Scalia’s Scary America

Here at Secular Left, we aren’t the only ones who can see through the double speak of those on the political and religious right when it comes to real religious liberty. Unless one has had a brain removed, the hypocritical arguments by those on the right is easily seen.

Robin Blumner, columnist for the St. Petersburg (Fla.) Times, detailed the wild argument made by Supreme Court Justice Antonin Scalia in his dissent in McCreary County vs. ACLU of Kentucky (2005), that case said the display of the 10 Commandments was illegal. Scalia is a devout conservative Catholic, and unlike most Justices, has been very talkative about his opposition to separation of church and state.

In his dissent he made the claim that the Founding Fathers meant for the government to be neutral relative to differing denominations but not between the religious and nonreligious.

“With respect to public acknowledgment of religious belief,” Scalia wrote, “it is entirely clear from our nation’s historical practices that the Establishment Clause permits this disregard of polytheists and believers in unconcerned deities, just as it permits the disregard of devout atheists.”

To back up his claim he points out several instances where a founding father invoked “God” during official business.

As Blumner points out:

“The Constitution, our nation’s seminal document, purposely includes no mention of a deity. Religion is mentioned only to guarantee no religious test for public office. The founders at the Constitutional Convention were creating a nation governed by men, based on the ideas of men, and they understood perfectly – having been witness to the centuries of religious conflict in Europe – the danger of government entangling itself in sectarianism.”

She also addressed the examples of Jefferson and Madison that Scalia used:

“As to Jefferson, far from injecting religion into his official role, he scrupulously avoided it. He refused to proclaim national days of fasting and thanksgiving as had Adams and Washington before him. And in his famous letter to the Danbury Baptists, Jefferson reassured the group that the Constitution had erected ‘a wall of separation between church and state.’

Madison also wrote often on the need to separate the ecclesiastical and the civil – for the benefit of both realms.

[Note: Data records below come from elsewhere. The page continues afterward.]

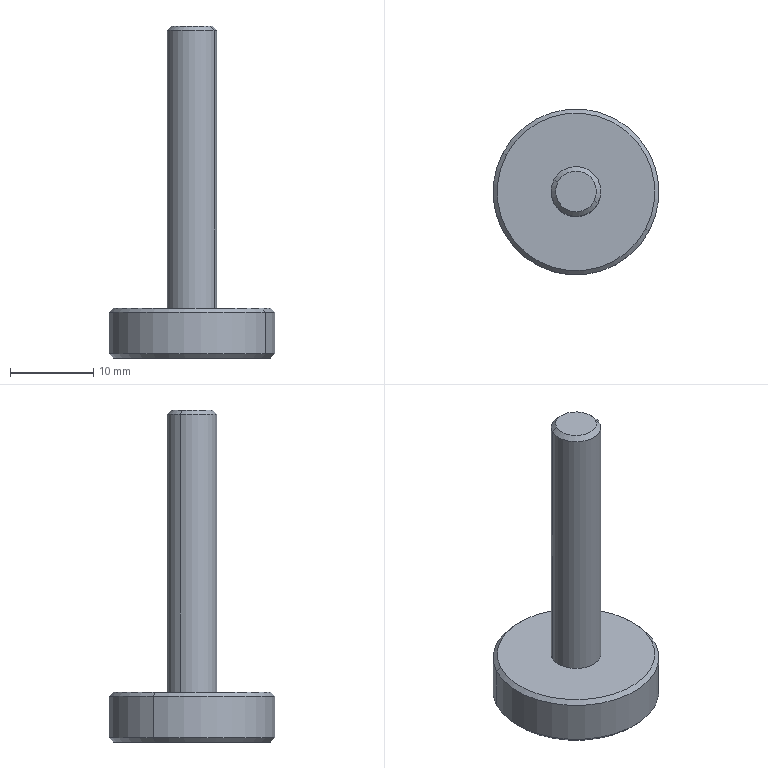Component | SolidWorks | 33KnurledScrew-1 | 1 solid | 13 faces | box 20 x 20 x 40 mm | volume 2828 mm3 | cone 6 | cylinder 4 | plane 3 | commonest cylinder face diameters 6 x2 20 x2
STEP:
#1=COLOUR_RGB('',0.7922,0.8196,0.9333);
#2=FILL_AREA_STYLE_COLOUR('',#1);
#3=FILL_AREA_STYLE('',(#2));
#4=SURFACE_STYLE_FILL_AREA(#3);
#5=SURFACE_SIDE_STYLE('',(#4));
#6=SURFACE_STYLE_USAGE(.BOTH.,#5);
#7=PRESENTATION_STYLE_ASSIGNMENT((#6));
#8=CARTESIAN_POINT('',(0.732,2.542,-5.276));
#9=VERTEX_POINT('',#8);
#10=CARTESIAN_POINT('',(0.07042,2.891,-5.276));
#11=VERTEX_POINT('',#10);
#12=CARTESIAN_POINT('',(0.4012,2.717,-5.276));
#13=DIRECTION('',(-0.,0.,1.));
#14=DIRECTION('',(0.8844,-0.4666,0.));
#15=AXIS2_PLACEMENT_3D('',#12,#13,#14);
#16=CIRCLE('',#15,0.374);
#17=EDGE_CURVE('',#9,#11,#16,.T.);
#18=ORIENTED_EDGE('',*,*,#17,.F.);
#19=CARTESIAN_POINT('',(0.7494,2.533,-5.295));
#20=VERTEX_POINT('',#19);
#21=CARTESIAN_POINT('',(0.732,2.542,-5.276));
#22=DIRECTION('',(0.6254,-0.33,-0.7071));
#23=VECTOR('',#22,39.37);
#24=LINE('',#21,#23);
#25=EDGE_CURVE('',#9,#20,#24,.T.);
#26=ORIENTED_EDGE('',*,*,#25,.T.);
#27=CARTESIAN_POINT('',(0.05301,2.9,-5.295));
#28=VERTEX_POINT('',#27);
#29=CARTESIAN_POINT('',(0.4012,2.717,-5.295));
#30=DIRECTION('',(0.,-0.,-1.));
#31=DIRECTION('',(0.8844,-0.4666,0.));
#32=AXIS2_PLACEMENT_3D('',#29,#30,#31);
#33=CIRCLE('',#32,0.3937);
#34=EDGE_CURVE('',#28,#20,#33,.T.);
#35=ORIENTED_EDGE('',*,*,#34,.F.);
#36=CARTESIAN_POINT('',(0.07042,2.891,-5.276));
#37=DIRECTION('',(-0.6254,0.33,-0.7071));
#38=VECTOR('',#37,39.37);
#39=LINE('',#36,#38);
#40=EDGE_CURVE('',#11,#28,#39,.T.);
#41=ORIENTED_EDGE('',*,*,#40,.F.);
#42=EDGE_LOOP('',(#18,#26,#35,#41));
#43=FACE_OUTER_BOUND('',#42,.T.);
#44=CARTESIAN_POINT('',(0.4012,2.717,-5.276));
#45=DIRECTION('',(0.,-0.,-1.));
#46=DIRECTION('',(-0.8844,0.4666,0.));
#47=AXIS2_PLACEMENT_3D('',#44,#45,#46);
#48=CONICAL_SURFACE('',#47,0.374,0.7854);
#49=ADVANCED_FACE('',(#43),#48,.T.);
#50=CARTESIAN_POINT('',(0.07042,2.891,-5.512));
#51=VERTEX_POINT('',#50);
#52=CARTESIAN_POINT('',(0.732,2.542,-5.512));
#53=VERTEX_POINT('',#52);
#54=CARTESIAN_POINT('',(0.4012,2.717,-5.512));
#55=DIRECTION('',(0.,-0.,-1.));
#56=DIRECTION('',(0.8844,-0.4666,0.));
#57=AXIS2_PLACEMENT_3D('',#54,#55,#56);
#58=CIRCLE('',#57,0.374);
#59=EDGE_CURVE('',#51,#53,#58,.T.);
#60=ORIENTED_EDGE('',*,*,#59,.F.);
#61=CARTESIAN_POINT('',(0.05301,2.9,-5.492));
#62=VERTEX_POINT('',#61);
#63=CARTESIAN_POINT('',(0.05301,2.9,-5.492));
#64=DIRECTION('',(-0.6254,0.33,0.7071));
#65=VECTOR('',#64,39.37);
#66=LINE('',#63,#65);
#67=EDGE_CURVE('',#51,#62,#66,.T.);
#68=ORIENTED_EDGE('',*,*,#67,.T.);
#69=CARTESIAN_POINT('',(0.7494,2.533,-5.492));
#70=VERTEX_POINT('',#69);
#71=CARTESIAN_POINT('',(0.4012,2.717,-5.492));
#72=DIRECTION('',(-0.,0.,1.));
#73=DIRECTION('',(0.8844,-0.4666,0.));
#74=AXIS2_PLACEMENT_3D('',#71,#72,#73);
#75=CIRCLE('',#74,0.3937);
#76=EDGE_CURVE('',#70,#62,#75,.T.);
#77=ORIENTED_EDGE('',*,*,#76,.F.);
#78=CARTESIAN_POINT('',(0.7494,2.533,-5.492));
#79=DIRECTION('',(0.6254,-0.33,0.7071));
#80=VECTOR('',#79,39.37);
#81=LINE('',#78,#80);
#82=EDGE_CURVE('',#53,#70,#81,.T.);
#83=ORIENTED_EDGE('',*,*,#82,.F.);
#84=EDGE_LOOP('',(#60,#68,#77,#83));
#85=FACE_OUTER_BOUND('',#84,.T.);
#86=CARTESIAN_POINT('',(0.4012,2.717,-5.492));
#87=DIRECTION('',(-0.,0.,1.));
#88=DIRECTION('',(0.8844,-0.4666,0.));
#89=AXIS2_PLACEMENT_3D('',#86,#87,#88);
#90=CONICAL_SURFACE('',#89,0.3937,0.7854);
#91=ADVANCED_FACE('',(#85),#90,.T.);
#92=CARTESIAN_POINT('',(0.3156,2.762,-3.937));
#93=VERTEX_POINT('',#92);
#94=CARTESIAN_POINT('',(0.4868,2.671,-3.937));
#95=VERTEX_POINT('',#94);
#96=CARTESIAN_POINT('',(0.4012,2.717,-3.937));
#97=DIRECTION('',(0.,-0.,-1.));
#98=DIRECTION('',(-0.8844,0.4666,0.));
#99=AXIS2_PLACEMENT_3D('',#96,#97,#98);
#100=CIRCLE('',#99,0.09679);
#101=EDGE_CURVE('',#93,#95,#100,.T.);
#102=ORIENTED_EDGE('',*,*,#101,.T.);
#103=CARTESIAN_POINT('',(0.5057,2.661,-3.958));
#104=VERTEX_POINT('',#103);
#105=CARTESIAN_POINT('',(0.4868,2.671,-3.937));
#106=DIRECTION('',(0.6254,-0.33,-0.7071));
#107=VECTOR('',#106,39.37);
#108=LINE('',#105,#107);
#109=EDGE_CURVE('',#95,#104,#108,.T.);
#110=ORIENTED_EDGE('',*,*,#109,.T.);
#111=CARTESIAN_POINT('',(0.2968,2.772,-3.958));
#112=VERTEX_POINT('',#111);
#113=CARTESIAN_POINT('',(0.4012,2.717,-3.958));
#114=DIRECTION('',(0.,-0.,-1.));
#115=DIRECTION('',(-0.8844,0.4666,0.));
#116=AXIS2_PLACEMENT_3D('',#113,#114,#115);
#117=CIRCLE('',#116,0.1181);
#118=EDGE_CURVE('',#112,#104,#117,.T.);
#119=ORIENTED_EDGE('',*,*,#118,.F.);
#120=CARTESIAN_POINT('',(0.3156,2.762,-3.937));
#121=DIRECTION('',(-0.6254,0.33,-0.7071));
#122=VECTOR('',#121,39.37);
#123=LINE('',#120,#122);
#124=EDGE_CURVE('',#93,#112,#123,.T.);
#125=ORIENTED_EDGE('',*,*,#124,.F.);
#126=EDGE_LOOP('',(#102,#110,#119,#125));
#127=FACE_OUTER_BOUND('',#126,.T.);
#128=CARTESIAN_POINT('',(0.4012,2.717,-3.937));
#129=DIRECTION('',(0.,-0.,-1.));
#130=DIRECTION('',(-0.8844,0.4666,0.));
#131=AXIS2_PLACEMENT_3D('',#128,#129,#130);
#132=CONICAL_SURFACE('',#131,0.09679,0.7854);
#133=ADVANCED_FACE('',(#127),#132,.T.);
#134=ORIENTED_EDGE('',*,*,#118,.T.);
#135=CARTESIAN_POINT('',(0.5057,2.661,-5.276));
#136=VERTEX_POINT('',#135);
#137=CARTESIAN_POINT('',(0.5057,2.661,-3.937));
#138=DIRECTION('',(0.,-0.,-1.));
#139=VECTOR('',#138,39.37);
#140=LINE('',#137,#139);
#141=EDGE_CURVE('',#104,#136,#140,.T.);
#142=ORIENTED_EDGE('',*,*,#141,.T.);
#143=CARTESIAN_POINT('',(0.2968,2.772,-5.276));
#144=VERTEX_POINT('',#143);
#145=CARTESIAN_POINT('',(0.4012,2.717,-5.276));
#146=DIRECTION('',(-0.,0.,1.));
#147=DIRECTION('',(0.8844,-0.4666,0.));
#148=AXIS2_PLACEMENT_3D('',#145,#146,#147);
#149=CIRCLE('',#148,0.1181);
#150=EDGE_CURVE('',#136,#144,#149,.T.);
#151=ORIENTED_EDGE('',*,*,#150,.T.);
#152=CARTESIAN_POINT('',(0.2968,2.772,-3.937));
#153=DIRECTION('',(0.,-0.,-1.));
#154=VECTOR('',#153,39.37);
#155=LINE('',#152,#154);
#156=EDGE_CURVE('',#112,#144,#155,.T.);
#157=ORIENTED_EDGE('',*,*,#156,.F.);
#158=EDGE_LOOP('',(#134,#142,#151,#157));
#159=FACE_OUTER_BOUND('',#158,.T.);
#160=CARTESIAN_POINT('',(0.4012,2.717,-3.937));
#161=DIRECTION('',(0.,-0.,-1.));
#162=DIRECTION('',(-0.8844,0.4666,0.));
#163=AXIS2_PLACEMENT_3D('',#160,#161,#162);
#164=CYLINDRICAL_SURFACE('',#163,0.1181);
#165=ADVANCED_FACE('',(#159),#164,.T.);
#166=ORIENTED_EDGE('',*,*,#34,.T.);
#167=CARTESIAN_POINT('',(0.7494,2.533,-5.276));
#168=DIRECTION('',(0.,-0.,-1.));
#169=VECTOR('',#168,39.37);
#170=LINE('',#167,#169);
#171=EDGE_CURVE('',#20,#70,#170,.T.);
#172=ORIENTED_EDGE('',*,*,#171,.T.);
#173=ORIENTED_EDGE('',*,*,#76,.T.);
#174=CARTESIAN_POINT('',(0.05301,2.9,-5.276));
#175=DIRECTION('',(0.,-0.,-1.));
#176=VECTOR('',#175,39.37);
#177=LINE('',#174,#176);
#178=EDGE_CURVE('',#28,#62,#177,.T.);
#179=ORIENTED_EDGE('',*,*,#178,.F.);
#180=EDGE_LOOP('',(#166,#172,#173,#179));
#181=FACE_OUTER_BOUND('',#180,.T.);
#182=CARTESIAN_POINT('',(0.4012,2.717,-5.276));
#183=DIRECTION('',(0.,-0.,-1.));
#184=DIRECTION('',(-0.8844,0.4666,0.));
#185=AXIS2_PLACEMENT_3D('',#182,#183,#184);
#186=CYLINDRICAL_SURFACE('',#185,0.3937);
#187=ADVANCED_FACE('',(#181),#186,.T.);
#188=ORIENTED_EDGE('',*,*,#171,.F.);
#189=CARTESIAN_POINT('',(0.4012,2.717,-5.295));
#190=DIRECTION('',(0.,-0.,-1.));
#191=DIRECTION('',(0.8844,-0.4666,0.));
#192=AXIS2_PLACEMENT_3D('',#189,#190,#191);
#193=CIRCLE('',#192,0.3937);
#194=EDGE_CURVE('',#20,#28,#193,.T.);
#195=ORIENTED_EDGE('',*,*,#194,.T.);
#196=ORIENTED_EDGE('',*,*,#178,.T.);
#197=CARTESIAN_POINT('',(0.4012,2.717,-5.492));
#198=DIRECTION('',(-0.,0.,1.));
#199=DIRECTION('',(0.8844,-0.4666,0.));
#200=AXIS2_PLACEMENT_3D('',#197,#198,#199);
#201=CIRCLE('',#200,0.3937);
#202=EDGE_CURVE('',#62,#70,#201,.T.);
#203=ORIENTED_EDGE('',*,*,#202,.T.);
#204=EDGE_LOOP('',(#188,#195,#196,#203));
#205=FACE_OUTER_BOUND('',#204,.T.);
#206=CARTESIAN_POINT('',(0.4012,2.717,-5.276));
#207=DIRECTION('',(0.,-0.,-1.));
#208=DIRECTION('',(-0.8844,0.4666,0.));
#209=AXIS2_PLACEMENT_3D('',#206,#207,#208);
#210=CYLINDRICAL_SURFACE('',#209,0.3937);
#211=ADVANCED_FACE('',(#205),#210,.T.);
#212=CARTESIAN_POINT('',(0.4012,2.717,-5.276));
#213=DIRECTION('',(-0.,0.,1.));
#214=DIRECTION('',(0.8844,-0.4666,0.));
#215=AXIS2_PLACEMENT_3D('',#212,#213,#214);
#216=CIRCLE('',#215,0.374);
#217=EDGE_CURVE('',#11,#9,#216,.T.);
#218=ORIENTED_EDGE('',*,*,#217,.T.);
#219=ORIENTED_EDGE('',*,*,#17,.T.);
#220=EDGE_LOOP('',(#218,#219));
#221=FACE_OUTER_BOUND('',#220,.T.);
#222=CARTESIAN_POINT('',(0.4012,2.717,-5.276));
#223=DIRECTION('',(-0.,0.,1.));
#224=DIRECTION('',(0.8844,-0.4666,0.));
#225=AXIS2_PLACEMENT_3D('',#222,#223,#224);
#226=CIRCLE('',#225,0.1181);
#227=EDGE_CURVE('',#144,#136,#226,.T.);
#228=ORIENTED_EDGE('',*,*,#227,.F.);
#229=ORIENTED_EDGE('',*,*,#150,.F.);
#230=EDGE_LOOP('',(#228,#229));
#231=FACE_BOUND('',#230,.T.);
#232=CARTESIAN_POINT('',(0.4012,2.717,-5.276));
#233=DIRECTION('',(-0.,0.,1.));
#234=DIRECTION('',(0.8844,-0.4666,0.));
#235=AXIS2_PLACEMENT_3D('',#232,#233,#234);
#236=PLANE('',#235);
#237=ADVANCED_FACE('',(#221,#231),#236,.T.);
#238=CARTESIAN_POINT('',(0.4012,2.717,-5.512));
#239=DIRECTION('',(0.,-0.,-1.));
#240=DIRECTION('',(0.8844,-0.4666,0.));
#241=AXIS2_PLACEMENT_3D('',#238,#239,#240);
#242=CIRCLE('',#241,0.374);
#243=EDGE_CURVE('',#53,#51,#242,.T.);
#244=ORIENTED_EDGE('',*,*,#243,.T.);
#245=ORIENTED_EDGE('',*,*,#59,.T.);
#246=EDGE_LOOP('',(#244,#245));
#247=FACE_OUTER_BOUND('',#246,.T.);
#248=CARTESIAN_POINT('',(0.4012,2.717,-5.512));
#249=DIRECTION('',(-0.,0.,1.));
#250=DIRECTION('',(0.8844,-0.4666,0.));
#251=AXIS2_PLACEMENT_3D('',#248,#249,#250);
#252=PLANE('',#251);
#253=ADVANCED_FACE('',(#247),#252,.F.);
#254=ORIENTED_EDGE('',*,*,#141,.F.);
#255=CARTESIAN_POINT('',(0.4012,2.717,-3.958));
#256=DIRECTION('',(0.,-0.,-1.));
#257=DIRECTION('',(-0.8844,0.4666,0.));
#258=AXIS2_PLACEMENT_3D('',#255,#256,#257);
#259=CIRCLE('',#258,0.1181);
#260=EDGE_CURVE('',#104,#112,#259,.T.);
#261=ORIENTED_EDGE('',*,*,#260,.T.);
#262=ORIENTED_EDGE('',*,*,#156,.T.);
#263=ORIENTED_EDGE('',*,*,#227,.T.);
#264=EDGE_LOOP('',(#254,#261,#262,#263));
#265=FACE_OUTER_BOUND('',#264,.T.);
#266=CARTESIAN_POINT('',(0.4012,2.717,-3.937));
#267=DIRECTION('',(0.,-0.,-1.));
#268=DIRECTION('',(-0.8844,0.4666,0.));
#269=AXIS2_PLACEMENT_3D('',#266,#267,#268);
#270=CYLINDRICAL_SURFACE('',#269,0.1181);
#271=ADVANCED_FACE('',(#265),#270,.T.);
#272=ORIENTED_EDGE('',*,*,#109,.F.);
#273=CARTESIAN_POINT('',(0.4012,2.717,-3.937));
#274=DIRECTION('',(0.,-0.,-1.));
#275=DIRECTION('',(-0.8844,0.4666,0.));
#276=AXIS2_PLACEMENT_3D('',#273,#274,#275);
#277=CIRCLE('',#276,0.09679);
#278=EDGE_CURVE('',#95,#93,#277,.T.);
#279=ORIENTED_EDGE('',*,*,#278,.T.);
#280=ORIENTED_EDGE('',*,*,#124,.T.);
#281=ORIENTED_EDGE('',*,*,#260,.F.);
#282=EDGE_LOOP('',(#272,#279,#280,#281));
#283=FACE_OUTER_BOUND('',#282,.T.);
#284=CARTESIAN_POINT('',(0.4012,2.717,-3.937));
#285=DIRECTION('',(0.,-0.,-1.));
#286=DIRECTION('',(-0.8844,0.4666,0.));
#287=AXIS2_PLACEMENT_3D('',#284,#285,#286);
#288=CONICAL_SURFACE('',#287,0.09679,0.7854);
#289=ADVANCED_FACE('',(#283),#288,.T.);
#290=ORIENTED_EDGE('',*,*,#101,.F.);
#291=ORIENTED_EDGE('',*,*,#278,.F.);
#292=EDGE_LOOP('',(#290,#291));
#293=FACE_OUTER_BOUND('',#292,.T.);
#294=CARTESIAN_POINT('',(0.4012,2.717,-3.937));
#295=DIRECTION('',(-0.,0.,1.));
#296=DIRECTION('',(0.8844,-0.4666,0.));
#297=AXIS2_PLACEMENT_3D('',#294,#295,#296);
#298=PLANE('',#297);
#299=ADVANCED_FACE('',(#293),#298,.T.);
#300=ORIENTED_EDGE('',*,*,#67,.F.);
#301=ORIENTED_EDGE('',*,*,#243,.F.);
#302=ORIENTED_EDGE('',*,*,#82,.T.);
#303=ORIENTED_EDGE('',*,*,#202,.F.);
#304=EDGE_LOOP('',(#300,#301,#302,#303));
#305=FACE_OUTER_BOUND('',#304,.T.);
#306=CARTESIAN_POINT('',(0.4012,2.717,-5.492));
#307=DIRECTION('',(-0.,0.,1.));
#308=DIRECTION('',(0.8844,-0.4666,0.));
#309=AXIS2_PLACEMENT_3D('',#306,#307,#308);
#310=CONICAL_SURFACE('',#309,0.3937,0.7854);
#311=ADVANCED_FACE('',(#305),#310,.T.);
#312=ORIENTED_EDGE('',*,*,#25,.F.);
#313=ORIENTED_EDGE('',*,*,#217,.F.);
#314=ORIENTED_EDGE('',*,*,#40,.T.);
#315=ORIENTED_EDGE('',*,*,#194,.F.);
#316=EDGE_LOOP('',(#312,#313,#314,#315));
#317=FACE_OUTER_BOUND('',#316,.T.);
#318=CARTESIAN_POINT('',(0.4012,2.717,-5.276));
#319=DIRECTION('',(0.,-0.,-1.));
#320=DIRECTION('',(-0.8844,0.4666,0.));
#321=AXIS2_PLACEMENT_3D('',#318,#319,#320);
#322=CONICAL_SURFACE('',#321,0.374,0.7854);
#323=ADVANCED_FACE('',(#317),#322,.T.);
#324=CLOSED_SHELL('',(#49,#91,#133,#165,#187,#211,#237,#253,#271,#289,#299,#311,#323));
#325=MANIFOLD_SOLID_BREP('',#324);
#326=STYLED_ITEM('',(#7),#325);
#327=(LENGTH_UNIT()NAMED_UNIT(*)SI_UNIT($,.METRE.));
#328=LENGTH_MEASURE_WITH_UNIT(LENGTH_MEASURE(0.0254),#327);
#329=DIMENSIONAL_EXPONENTS(1.,0.,0.,0.,0.,0.,0.);
#330=(CONVERSION_BASED_UNIT('',#328)LENGTH_UNIT()NAMED_UNIT(#329));
#331=UNCERTAINTY_MEASURE_WITH_UNIT(LENGTH_MEASURE(0.00001),#330,'','');
#332=(NAMED_UNIT(*)PLANE_ANGLE_UNIT()SI_UNIT($,.RADIAN.));
#333=(NAMED_UNIT(*)SI_UNIT($,.STERADIAN.)SOLID_ANGLE_UNIT());
#334=(GEOMETRIC_REPRESENTATION_CONTEXT(3)GLOBAL_UNCERTAINTY_ASSIGNED_CONTEXT((#331))GLOBAL_UNIT_ASSIGNED_CONTEXT((#330,#332,#333))REPRESENTATION_CONTEXT('',''));
#335=MECHANICAL_DESIGN_GEOMETRIC_PRESENTATION_REPRESENTATION('',(#326),#334);
#336=CARTESIAN_POINT('',(0.,0.,0.));
#337=DIRECTION('',(0.,0.,1.));
#338=DIRECTION('',(1.,0.,0.));
#339=AXIS2_PLACEMENT_3D('',#336,#337,#338);
#340=(LENGTH_UNIT()NAMED_UNIT(*)SI_UNIT($,.METRE.));
#341=LENGTH_MEASURE_WITH_UNIT(LENGTH_MEASURE(0.0254),#340);
#342=DIMENSIONAL_EXPONENTS(1.,0.,0.,0.,0.,0.,0.);
#343=(CONVERSION_BASED_UNIT('',#341)LENGTH_UNIT()NAMED_UNIT(#342));
#344=UNCERTAINTY_MEASURE_WITH_UNIT(LENGTH_MEASURE(0.00001),#343,'','');
#345=(NAMED_UNIT(*)PLANE_ANGLE_UNIT()SI_UNIT($,.RADIAN.));
#346=(NAMED_UNIT(*)SI_UNIT($,.STERADIAN.)SOLID_ANGLE_UNIT());
#347=(GEOMETRIC_REPRESENTATION_CONTEXT(3)GLOBAL_UNCERTAINTY_ASSIGNED_CONTEXT((#344))GLOBAL_UNIT_ASSIGNED_CONTEXT((#343,#345,#346))REPRESENTATION_CONTEXT('',''));
#348=ADVANCED_BREP_SHAPE_REPRESENTATION('',(#325,#339),#347);
#349=PRESENTATION_LAYER_ASSIGNMENT('','',(#326));

In 1822, he said, “religion and government will both exist in greater purity, the less they are mixed together.” His 1785 Memorial and Remonstrance Against Religious Assessments stands as one of the greatest exhortations against the use of taxes to support religious teachings.”

Justice John Paul Stevens pointed out that the Decalogue comes in different forms depending on the faith and by the Kentucky counties choosing the King James version they picked a side which rebutted Scalia’s denominational neutrality argument. Scalia then claimed no reasonable person, viewing the display in context, would think the state was taking a side.

Blumner then zings the Justice:

“Oh, no? Then why didn’t the good people of Kentucky choose the Jewish version?”

That is why the religious conservatives love the argument about denominational neutrality. On one side of their mouth they can trumpet neutrality and from the other side of the mouth they make sure you know which denomination is favored – the one the majority believes in. Every state vs. religious conflict is argued in that matter.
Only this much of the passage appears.